The following table summarizes the revolving credit agreement as of December 31, 2021:
(Dollars in millions) 
Maximum borrowing capacity$300 
Letters of credit outstanding$— 
Amount borrowed$— 
Amount available for use$300 
Borrowings under the revolving credit agreement bear interest at a rate of Secured Overnight Financing Rate (SOFR) plus 1.60%. UScellular may select a borrowing period of either one, two, three or six months (or other period of twelve months or less if requested by UScellular and approved by the lenders). UScellular’s credit spread and commitment fees on its revolving credit agreement may be subject to increase if its current credit rating from nationally recognized credit rating agencies is lowered, and may be subject to decrease if the rating is raised. 
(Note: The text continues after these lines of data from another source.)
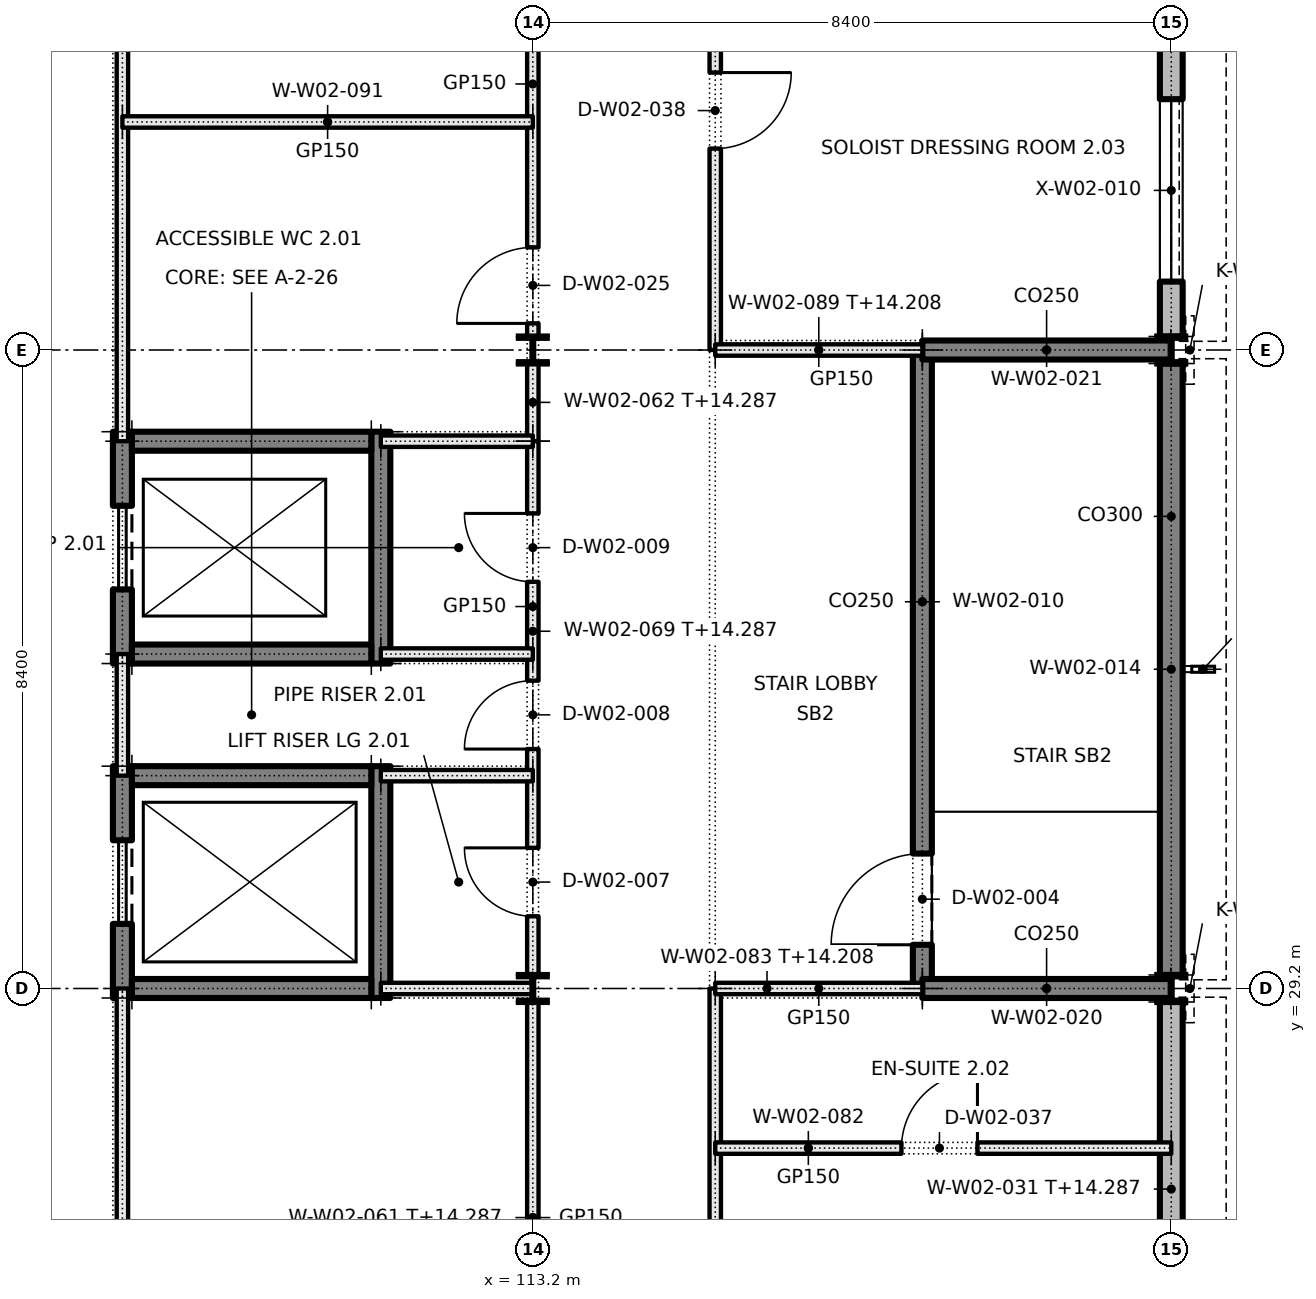
"""IFC4 building model, lengths in metres.
Left out: names, types, materials, properties, quantities, classifications, styles, units other than length and angle.
Written with IfcOpenShell. Run it as: python <this file> out.ifc"""

import sys

from ifc_helpers import new_model, si_unit, direction, frame, frame_2d, origin, origin_2d, place, context, subcontext, project, spatial, rectangle, i_section, extrude, element, fill, save


model = new_model("IFC4")
c1 = context("Model", 3, precision=1e-05, world=origin(), true_north=direction((0.0, 1.0)))
c2 = subcontext(c1, "Body", "Model", "MODEL_VIEW")
j1 = project(units=[si_unit("LENGTHUNIT", "METRE"), si_unit("PLANEANGLEUNIT", "RADIAN")], contexts=[c1])
p1 = place(None, origin())
s1 = spatial("IfcSite", under=j1, at=p1, CompositionType="ELEMENT")
p2 = place(p1, origin())
s2 = spatial("IfcBuilding", under=s1, at=p2, CompositionType="ELEMENT")
p3 = place(p2, frame((0.0, 0.0, 10.2)))
s3 = spatial("IfcBuildingStorey", under=s2, at=p3, CompositionType="ELEMENT", Elevation=10.2)
p4 = place(p3, frame((107.8, 29.075, 0.0), z_axis=(0.0, 0.0, 1.0), x_axis=(0.0, 1.0, 0.0)))
e1 = element("IfcWall", 1, at=p4, inside=s3, PredefinedType="SOLIDWALL", context=c2, shape_type="SweptSolid", body=[
    extrude(rectangle(XDim=3.05, YDim=0.25, at=frame_2d((1.525, 0.0))), origin(), (0.0, 0.0, 1.0), 4.8),
])
p5 = place(p4, frame((0.975, 0.0, 0.0)))
e2 = element("IfcOpeningElement", 2, at=p5, cuts=e1, PredefinedType="OPENING", context=c2, shape_type="SweptSolid", body=[
    extrude(rectangle(XDim=1.1, YDim=2.1, at=frame_2d((0.55, 1.05))), frame((0.0, 0.135, 0.0), z_axis=(0.0, -1.0, 0.0), x_axis=(1.0, 0.0, 0.0)), (0.0, 0.0, 1.0), 0.27),
])
p6 = place(p3, frame((111.2, 29.075, 0.0), z_axis=(0.0, 0.0, 1.0), x_axis=(0.0, 1.0, 0.0)))
e3 = element("IfcWall", 3, at=p6, inside=s3, PredefinedType="SOLIDWALL", context=c2, shape_type="SweptSolid", body=[
    extrude(rectangle(XDim=3.05, YDim=0.25, at=frame_2d((1.525, 0.0))), origin(), (0.0, 0.0, 1.0), 4.8),
])
for number, where, z_axis, x_axis in (
    (4, (107.925, 29.2, 0.0), (0.0, 0.0, 1.0), (1.0, 0.0, 0.0)),
    (5, (107.925, 32.0, 0.0), (0.0, 0.0, 1.0), (1.0, 0.0, 0.0)),
):
    element("IfcWall", number, at=place(p3, frame(where, z_axis=z_axis, x_axis=x_axis)), inside=s3, PredefinedType="SOLIDWALL", context=c2, shape_type="SweptSolid", body=[
        extrude(rectangle(XDim=3.15, YDim=0.25, at=frame_2d((1.575, 0.0))), origin(), (0.0, 0.0, 1.0), 4.8),
    ])
p7 = place(p3, frame((107.8, 33.475, 0.0), z_axis=(0.0, 0.0, 1.0), x_axis=(0.0, 1.0, 0.0)))
e6 = element("IfcWall", 6, at=p7, inside=s3, PredefinedType="SOLIDWALL", context=c2, shape_type="SweptSolid", body=[
    extrude(rectangle(XDim=3.05, YDim=0.25, at=frame_2d((1.525, 0.0))), origin(), (0.0, 0.0, 1.0), 4.8),
])
p8 = place(p7, frame((0.975, 0.0, 0.0)))
e7 = element("IfcOpeningElement", 7, at=p8, cuts=e6, PredefinedType="OPENING", context=c2, shape_type="SweptSolid", body=[
    extrude(rectangle(XDim=1.1, YDim=2.1, at=frame_2d((0.55, 1.05))), frame((0.0, 0.135, 0.0), z_axis=(0.0, -1.0, 0.0), x_axis=(1.0, 0.0, 0.0)), (0.0, 0.0, 1.0), 0.27),
])
p9 = place(p3, frame((111.2, 33.475, 0.0), z_axis=(0.0, 0.0, 1.0), x_axis=(0.0, 1.0, 0.0)))
e8 = element("IfcWall", 8, at=p9, inside=s3, PredefinedType="SOLIDWALL", context=c2, shape_type="SweptSolid", body=[
    extrude(rectangle(XDim=3.05, YDim=0.25, at=frame_2d((1.525, 0.0))), origin(), (0.0, 0.0, 1.0), 4.8),
])
for number, where, z_axis, x_axis in (
    (9, (107.925, 33.6, 0.0), (0.0, 0.0, 1.0), (1.0, 0.0, 0.0)),
    (10, (107.925, 36.4, 0.0), (0.0, 0.0, 1.0), (1.0, 0.0, 0.0)),
):
    element("IfcWall", number, at=place(p3, frame(where, z_axis=z_axis, x_axis=x_axis)), inside=s3, PredefinedType="SOLIDWALL", context=c2, shape_type="SweptSolid", body=[
        extrude(rectangle(XDim=3.15, YDim=0.25, at=frame_2d((1.575, 0.0))), origin(), (0.0, 0.0, 1.0), 4.8),
    ])
for number, where, z_axis, x_axis in (
    (11, (113.2, 29.2, 0.0), (0.0, 0.0, 1.0), (1.0, 0.0, 0.0)),
    (12, (113.2, 37.6, 0.0), (0.0, 0.0, 1.0), (1.0, 0.0, 0.0)),
    (13, (121.6, 29.2, 0.0), (0.0, 0.0, 1.0), (1.0, 0.0, 0.0)),
    (14, (121.6, 37.6, 0.0), (0.0, 0.0, 1.0), (1.0, 0.0, 0.0)),
):
    element("IfcColumn", number, at=place(p3, frame(where, z_axis=z_axis, x_axis=x_axis)), inside=s3, PredefinedType="COLUMN", context=c2, shape_type="SweptSolid", body=[
        extrude(i_section(OverallWidth=0.368, OverallDepth=0.356, WebThickness=0.011, FlangeThickness=0.018, FilletRadius=0.015, at=origin_2d()), origin(), (0.0, 0.0, 1.0), 4.8),
    ])
p10 = place(p3, frame((118.325, 29.2, 0.0), z_axis=(0.0, 0.0, 1.0), x_axis=(0.0, 1.0, 0.0)))
e15 = element("IfcWall", 15, at=p10, inside=s3, PredefinedType="SHEAR", context=c2, shape_type="SweptSolid", body=[
    extrude(rectangle(XDim=8.4, YDim=0.25, at=frame_2d((4.2, 0.0))), origin(), (0.0, 0.0, 1.0), 4.8),
])
p11 = place(p10, frame((0.575, 0.0, 0.0)))
e16 = element("IfcOpeningElement", 16, at=p11, cuts=e15, PredefinedType="OPENING", context=c2, shape_type="SweptSolid", body=[
    extrude(rectangle(XDim=1.2, YDim=2.1, at=frame_2d((0.6, 1.05))), frame((0.0, 0.135, 0.0), z_axis=(0.0, -1.0, 0.0), x_axis=(1.0, 0.0, 0.0)), (0.0, 0.0, 1.0), 0.27),
])
p12 = place(p3, frame((121.6, 29.378, 0.0), z_axis=(0.0, 0.0, 1.0), x_axis=(0.0, 1.0, 0.0)))
e17 = element("IfcWall", 17, at=p12, inside=s3, PredefinedType="SHEAR", context=c2, shape_type="SweptSolid", body=[
    extrude(rectangle(XDim=8.044, YDim=0.3, at=frame_2d((4.022, 0.0))), origin(), (0.0, 0.0, 1.0), 4.8),
])
for number, where, z_axis, x_axis in (
    (18, (118.325, 29.2, 0.0), (0.0, 0.0, 1.0), (1.0, 0.0, 0.0)),
    (19, (118.325, 37.6, 0.0), (0.0, 0.0, 1.0), (1.0, 0.0, 0.0)),
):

In connection with UScellular’s revolving credit agreement, TDS and UScellular entered into a subordination agreement together with the administrative agent for the lenders under UScellular’s revolving credit agreement. Pursuant to this subordination agreement, (a) any consolidated funded indebtedness from UScellular to TDS will be unsecured and (b) any (i) consolidated funded indebtedness from UScellular to TDS (other than “refinancing indebtedness” as defined in the subordination agreement) in excess of $105 million and (ii) refinancing indebtedness in excess of $250 million will be subordinated and made junior in right of payment to the prior payment in full of obligations to the lenders under UScellular’s revolving credit agreement. As of December 31, 2021, UScellular had no outstanding consolidated funded indebtedness or refinancing indebtedness that was subordinated to the revolving credit agreement pursuant to the subordination agreement.
The continued availability of the revolving credit agreement requires UScellular to comply with certain negative and affirmative covenants, maintain certain financial ratios and make representations regarding certain matters at the time of each borrowing. 
The revolving credit agreement includes the following financial covenants:
Consolidated Interest Coverage Ratio may not be less than 3.00 to 1.00 as of the end of any fiscal quarter.
Consolidated Leverage Ratio may not be greater than 3.75 to 1.00 as of the end of any fiscal quarter.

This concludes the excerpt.